Teleportation-Based Quantum Computation, Extended Temperley-Lieb Diagrammatical Approach and Yang--Baxter Equation

TL;DR

This paper reviews teleportation-based quantum computation, highlighting how topological features and diagrammatic approaches simplify fault-tolerant gate construction and entanglement, and explores the role of Yang--Baxter gates.

Contribution

It introduces an extended Temperley-Lieb diagrammatical approach and links it with Yang--Baxter gates, providing new insights into fault-tolerant quantum computation.

Findings

Topological features enable intuitive fault-tolerant gate construction

Extended Temperley-Lieb diagrams clarify quantum circuit models

Yang--Baxter gates relate to topological quantum computation

Abstract

This paper focuses on the study of topological features in teleportation-based quantum computation as well as aims at presenting a detailed review on teleportaiton-based quantum computation (Gottesman and Chuang, Nature 402, 390, 1999).
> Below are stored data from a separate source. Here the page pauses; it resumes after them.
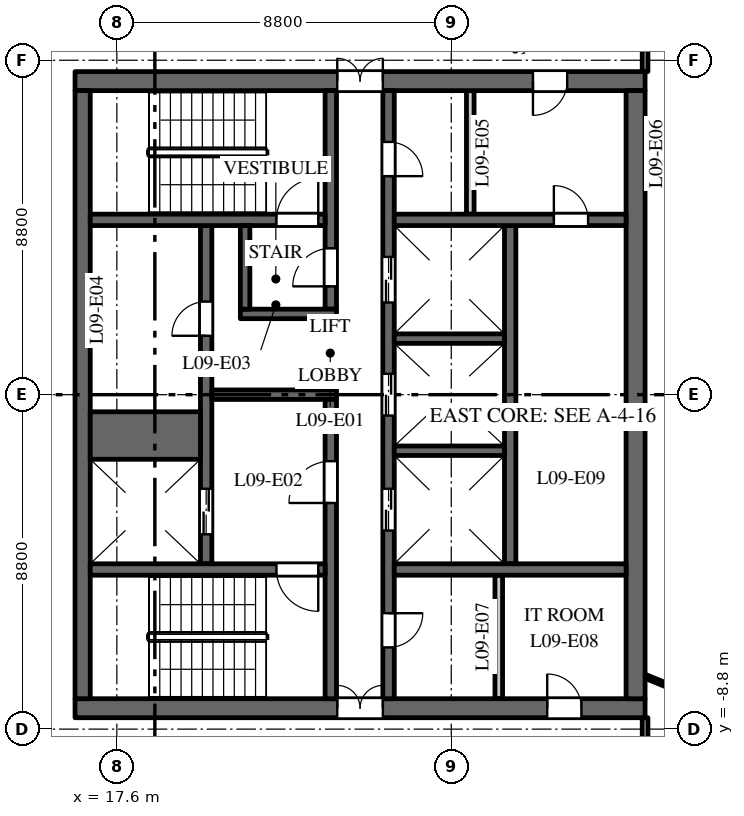
"""IFC4 building model, lengths in metres.
Left out: names, types, materials, properties, quantities, classifications, styles, units other than length and angle.
Written with IfcOpenShell. Run it as: python <this file> out.ifc"""

import sys

from ifc_helpers import new_model, si_unit, direction, frame, frame_2d, origin, place, context, subcontext, project, spatial, rectangle, extrude, element, fill, save


model = new_model("IFC4")
c1 = context("Model", 3, precision=1e-05, world=origin(), true_north=direction((0.0, 1.0)))
c2 = subcontext(c1, "Body", "Model", "MODEL_VIEW")
j1 = project(units=[si_unit("LENGTHUNIT", "METRE"), si_unit("PLANEANGLEUNIT", "RADIAN")], contexts=[c1])
p1 = place(None, origin())
s1 = spatial("IfcSite", under=j1, at=p1, CompositionType="ELEMENT")
p2 = place(p1, origin())
s2 = spatial("IfcBuilding", under=s1, at=p2, CompositionType="ELEMENT")
p3 = place(p2, frame((0.0, 0.0, 46.5)))
s3 = spatial("IfcBuildingStorey", under=s2, at=p3, CompositionType="ELEMENT", Elevation=46.5)
p4 = place(p3, frame((16.5, 8.25, 0.0), z_axis=(0.0, 0.0, 1.0), x_axis=(1.0, 0.0, 0.0)))
e1 = element("IfcWall", 1, at=p4, inside=s3, PredefinedType="SHEAR", context=c2, shape_type="SweptSolid", body=[
    extrude(rectangle(XDim=15.0, YDim=0.5, at=frame_2d((7.5, 0.0))), origin(), (0.0, 0.0, 1.0), 3.7),
])
p5 = place(p4, frame((6.9, 0.0, 0.0)))
e2 = element("IfcOpeningElement", 2, at=p5, cuts=e1, PredefinedType="OPENING", context=c2, shape_type="SweptSolid", body=[
    extrude(rectangle(XDim=1.2, YDim=2.1, at=frame_2d((0.6, 1.05))), frame((0.0, 0.26, 0.0), z_axis=(0.0, -1.0, 0.0), x_axis=(1.0, 0.0, 0.0)), (0.0, 0.0, 1.0), 0.52),
])
p6 = place(p4, frame((12.05, 0.0, 0.0)))
e3 = element("IfcOpeningElement", 3, at=p6, cuts=e1, PredefinedType="OPENING", context=c2, shape_type="SweptSolid", body=[
    extrude(rectangle(XDim=0.9, YDim=2.1, at=frame_2d((0.45, 1.05))), frame((0.0, 0.26, 0.0), z_axis=(0.0, -1.0, 0.0), x_axis=(1.0, 0.0, 0.0)), (0.0, 0.0, 1.0), 0.52),
])
p7 = place(p3, frame((16.5, -8.25, 0.0), z_axis=(0.0, 0.0, 1.0), x_axis=(1.0, 0.0, 0.0)))
e4 = element("IfcWall", 4, at=p7, inside=s3, PredefinedType="SHEAR", context=c2, shape_type="SweptSolid", body=[
    extrude(rectangle(XDim=15.0, YDim=0.5, at=frame_2d((7.5, 0.0))), origin(), (0.0, 0.0, 1.0), 3.7),
])
p8 = place(p7, frame((6.9, 0.0, 0.0)))
e5 = element("IfcOpeningElement", 5, at=p8, cuts=e4, PredefinedType="OPENING", context=c2, shape_type="SweptSolid", body=[
    extrude(rectangle(XDim=1.2, YDim=2.1, at=frame_2d((0.6, 1.05))), frame((0.0, 0.26, 0.0), z_axis=(0.0, -1.0, 0.0), x_axis=(1.0, 0.0, 0.0)), (0.0, 0.0, 1.0), 0.52),
])
p9 = place(p7, frame((12.425, 0.0, 0.0)))
e6 = element("IfcOpeningElement", 6, at=p9, cuts=e4, PredefinedType="OPENING", context=c2, shape_type="SweptSolid", body=[
    extrude(rectangle(XDim=0.9, YDim=2.1, at=frame_2d((0.45, 1.05))), frame((0.0, 0.26, 0.0), z_axis=(0.0, -1.0, 0.0), x_axis=(1.0, 0.0, 0.0)), (0.0, 0.0, 1.0), 0.52),
])
p10 = place(p3, frame((27.95, -4.45, 0.0), z_axis=(0.0, 0.0, 1.0), x_axis=(0.0, 1.0, 0.0)))
e7 = element("IfcWall", 7, at=p10, inside=s3, PredefinedType="SHEAR", context=c2, shape_type="SweptSolid", body=[
    extrude(rectangle(XDim=8.9, YDim=0.3, at=frame_2d((4.45, 0.0))), origin(), (0.0, 0.0, 1.0), 3.7),
])
p11 = place(p3, frame((19.95, -4.45, 0.0), z_axis=(0.0, 0.0, 1.0), x_axis=(0.0, 1.0, 0.0)))
e8 = element("IfcWall", 8, at=p11, inside=s3, PredefinedType="SHEAR", context=c2, shape_type="SweptSolid", body=[
    extrude(rectangle(XDim=8.9, YDim=0.3, at=frame_2d((4.45, 0.0))), origin(), (0.0, 0.0, 1.0), 3.7),
])
p12 = place(p11, frame((0.775, 0.0, 0.0)))
e9 = element("IfcOpeningElement", 9, at=p12, cuts=e8, PredefinedType="OPENING", context=c2, shape_type="SweptSolid", body=[
    extrude(rectangle(XDim=1.2, YDim=2.1, at=frame_2d((0.6, 1.05))), frame((0.0, 0.16, 0.0), z_axis=(0.0, -1.0, 0.0), x_axis=(1.0, 0.0, 0.0)), (0.0, 0.0, 1.0), 0.32),
])
p13 = place(p11, frame((6.0, 0.0, 0.0)))
e10 = element("IfcOpeningElement", 10, at=p13, cuts=e8, PredefinedType="OPENING", context=c2, shape_type="SweptSolid", body=[
    extrude(rectangle(XDim=0.9, YDim=2.1, at=frame_2d((0.45, 1.05))), frame((0.0, 0.16, 0.0), z_axis=(0.0, -1.0, 0.0), x_axis=(1.0, 0.0, 0.0)), (0.0, 0.0, 1.0), 0.32),
])
p14 = place(p3, frame((24.75, -8.0, 0.0), z_axis=(0.0, 0.0, 1.0), x_axis=(0.0, 1.0, 0.0)))
e11 = element("IfcWall", 11, at=p14, inside=s3, PredefinedType="SHEAR", context=c2, shape_type="SweptSolid", body=[
    extrude(rectangle(XDim=16.0, YDim=0.3, at=frame_2d((8.0, 0.0))), origin(), (0.0, 0.0, 1.0), 3.7),
])
p15 = place(p14, frame((4.425, 0.0, 0.0)))
e12 = element("IfcOpeningElement", 12, at=p15, cuts=e11, PredefinedType="OPENING", context=c2, shape_type="SweptSolid", body=[
    extrude(rectangle(XDim=1.1, YDim=2.1, at=frame_2d((0.55, 1.05))), frame((0.0, 0.16, 0.0), z_axis=(0.0, -1.0, 0.0), x_axis=(1.0, 0.0, 0.0)), (0.0, 0.0, 1.0), 0.32),
])
p16 = place(p14, frame((7.45, 0.0, 0.0)))
e13 = element("IfcOpeningElement", 13, at=p16, cuts=e11, PredefinedType="OPENING", context=c2, shape_type="SweptSolid", body=[
    extrude(rectangle(XDim=1.1, YDim=2.1, at=frame_2d((0.55, 1.05))), frame((0.0, 0.16, 0.0), z_axis=(0.0, -1.0, 0.0), x_axis=(1.0, 0.0, 0.0)), (0.0, 0.0, 1.0), 0.32),
])
p17 = place(p14, frame((10.425, 0.0, 0.0)))
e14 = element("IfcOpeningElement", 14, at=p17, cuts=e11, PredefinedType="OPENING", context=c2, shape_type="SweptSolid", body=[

In the extended Temperley-Lieb diagrammatical approach, we clearly show that such topological features bring about the fault-tolerant construction of both universal quantum gates and four-partite entangled states more intuitive and simpler. Furthermore, we describe the Yang--Baxter gate by its extended Temperley-Lieb configuration, and then study teleportation-based quantum circuit models using the Yang--Baxter gate. Moreover, we discuss the relationship between the extended Temperley-Lieb diagrammatical approach and the Yang-Baxter gate approach. With these research results, we propose a worthwhile subject, the extended Temperley-Lieb diagrammatical approach, for physicists in quantum information and quantum computation.